What the algorithm actually does with that footage is more precise than "learns what the person looks like." It builds a geometric skeleton. Facial landmark detection maps 68 anatomical anchor points across the target face: the outer corners of each eye, the peaks of the cupid's bow, the attachment points of the earlobes, the widest points of the nostrils, the edges of the jawline. These 68 coordinates become a mathematical description of that face's geometry — the proportional distances, the angles, the depths.
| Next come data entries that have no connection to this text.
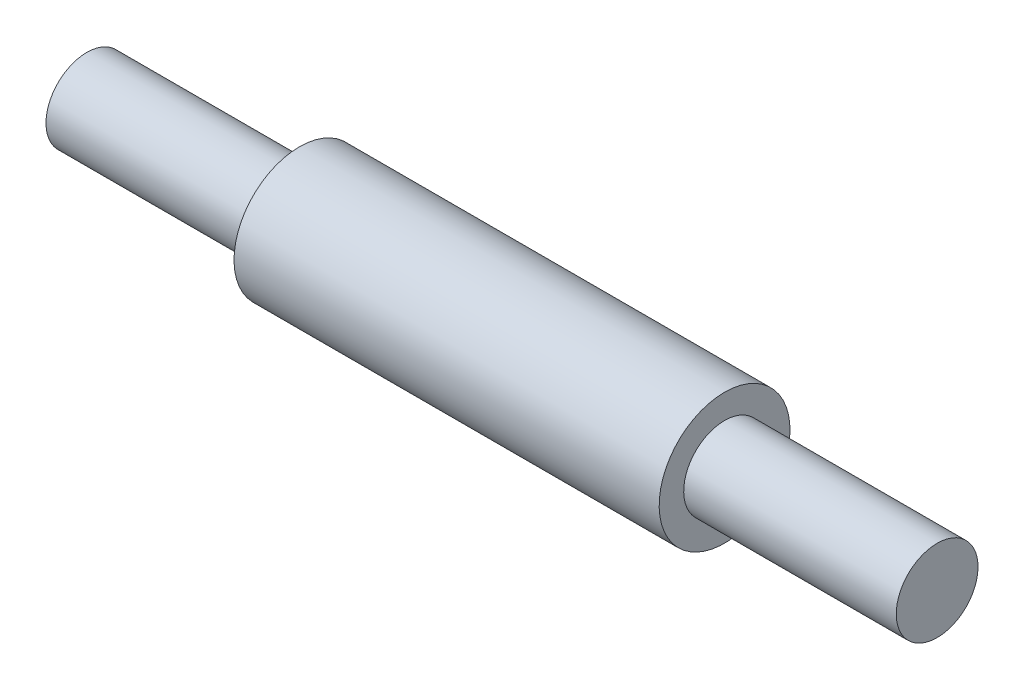
from build123d import *


with BuildPart() as part:
    # Sketch1 → Revolve1 (revolve)
    with BuildSketch(Plane.XY):
        Polygon((26, 0), (-26, 0), (-26, 2.5), (-13, 2.5), (-13, 4), (13, 4), (13, 2.5), (26, 2.5), align=None)
    revolve(axis=Axis((26, 0, 0), (-1, 0, 0)))


solid = part.part
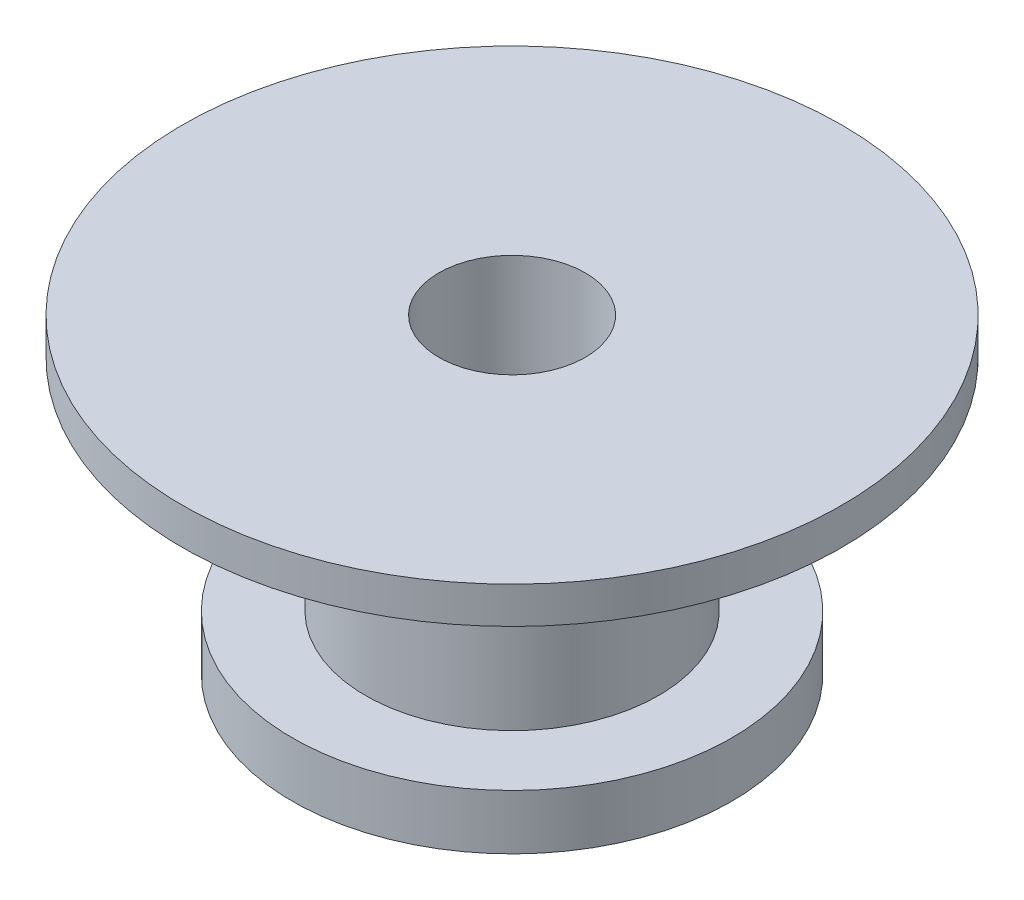
SolidWorks part; units mm, degrees
ref_plane "Front Plane" through (0, 0, 0) normal (0, 0, 1) x (1, 0, 0)
ref_plane "Top Plane" through (0, 0, 0) normal (0, 1, 0) x (1, 0, 0)
ref_plane "Right Plane" through (0, 0, 0) normal (1, 0, 0) x (0, 0, -1)
sketch "Sketch1" plane through (0, 0, 0) normal (0, 0, 1) x (1, 0, 0)
  line L0 (2, 7) -> (2, -1.5)
  line L4 (4, 0) -> (4, 6)
  line L5 (4, 6) -> (9, 6)
  line L7 (2, 7) -> (9, 7)
  line L8 (9, 6) -> (9, 7)
  line L9 (4, 0) -> (6, 0)
  line L11 (2, -1.5) -> (6, -1.5)
  line L12 (6, 0) -> (6, -1.5)
  line L13 (0, 0) -> (0, 8.3589) construction
  dimension "D1" = 6
  dimension "D2" = 8.5
  dimension "D3" = 2
  dimension "D4" = 1
  dimension "D5" = 9
  dimension "D6" = 4
  dimension "D7" = 6
revolve "Revolve1" add sketch "Sketch1" angle 360 about L13
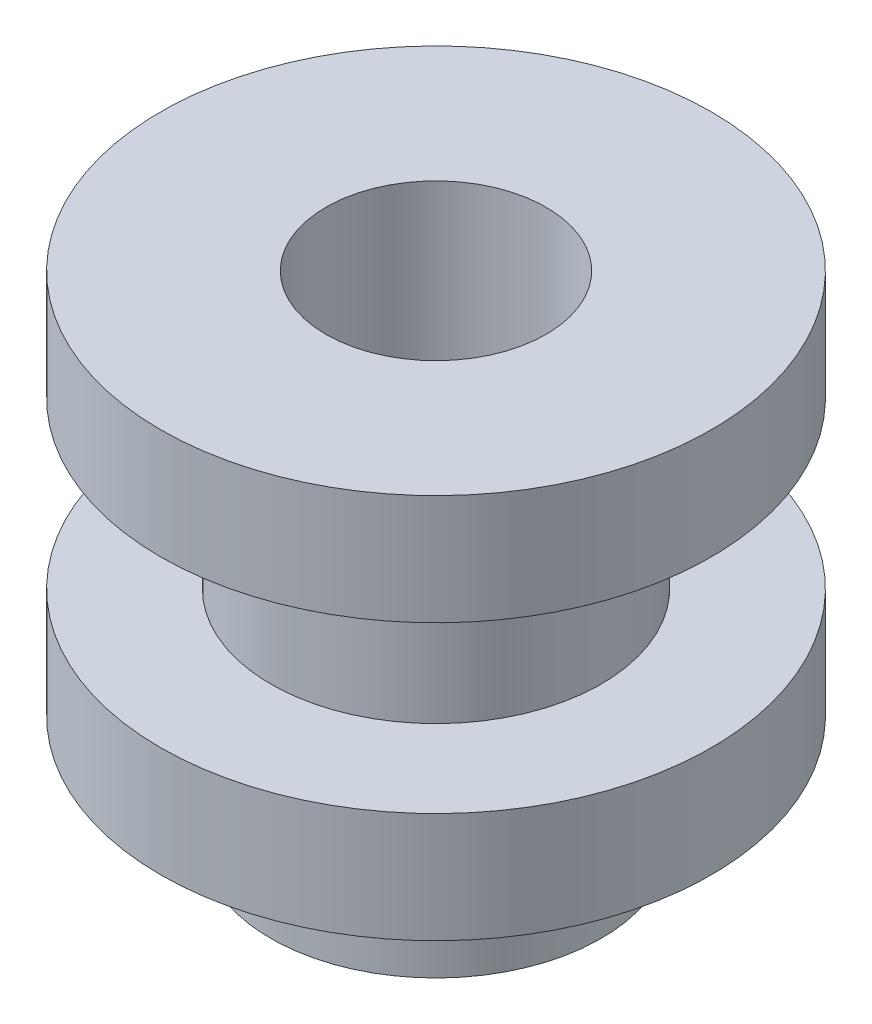
from build123d import *

# Parameters (mm, degrees)
SKETCH1_R           = 5
BOSS_EXTRUDE1_DEPTH = 9
SKETCH3_W           = 2
SKETCH3_H           = 3
SKETCH3_H_2         = 2
SKETCH4_R           = 2
CUT_EXTRUDE1_DEPTH  = 12.445523142


with BuildPart() as part:
    # Sketch1 → Boss-Extrude1 (new body)
    with BuildSketch(Plane(origin=(0, 0, 0), x_dir=(1, 0, 0), z_dir=(0, 1, 0))):
        with Locations(Location((0, 0, 0), (0, 0, 270))):
            Circle(SKETCH1_R)
    extrude(amount=BOSS_EXTRUDE1_DEPTH)

    # Sketch3 → Cut-Revolve1 (revolve, cut)
    with BuildSketch(Plane.XY, mode=Mode.PRIVATE) as cut_revolve1_sk:
        with Locations((4, 5.5)):
            Rectangle(SKETCH3_W, SKETCH3_H)
        with Locations((4, 1)):
            Rectangle(SKETCH3_W, SKETCH3_H_2)
    revolve(cut_revolve1_sk.sketch.rotate(Axis((0, 0, 0), (0, 1, 0)), 90), axis=Axis((0, 0, 0), (0, 1, 0)), mode=Mode.SUBTRACT)

    # Sketch4 → Cut-Extrude1 (cut, through all)
    with BuildSketch(Plane(origin=(0, 9, 0), x_dir=(1, 0, 0), z_dir=(0, 1, 0))):
        with Locations(Location((0, 0, 0), (0, 0, 270))):
            Circle(SKETCH4_R)
    extrude(amount=-CUT_EXTRUDE1_DEPTH, mode=Mode.SUBTRACT)


solid = part.part

That skeleton then drives 3D face reconstruction. According to a comprehensive technical review of face deepfakes published on arXiv, the process involves detecting 2D landmarks in both the source and target faces, computing the 3D pose that accounts for viewpoint and expression, segmenting the face from its background using a pre-trained neural network, and then warping the source face onto the target using alignment calculated from those 3D poses. The result: the attacker's head movements drive the CFO's face. This article is part of a series — start with Deepfake Calls Surge As Governments Bet On Biometric Verific.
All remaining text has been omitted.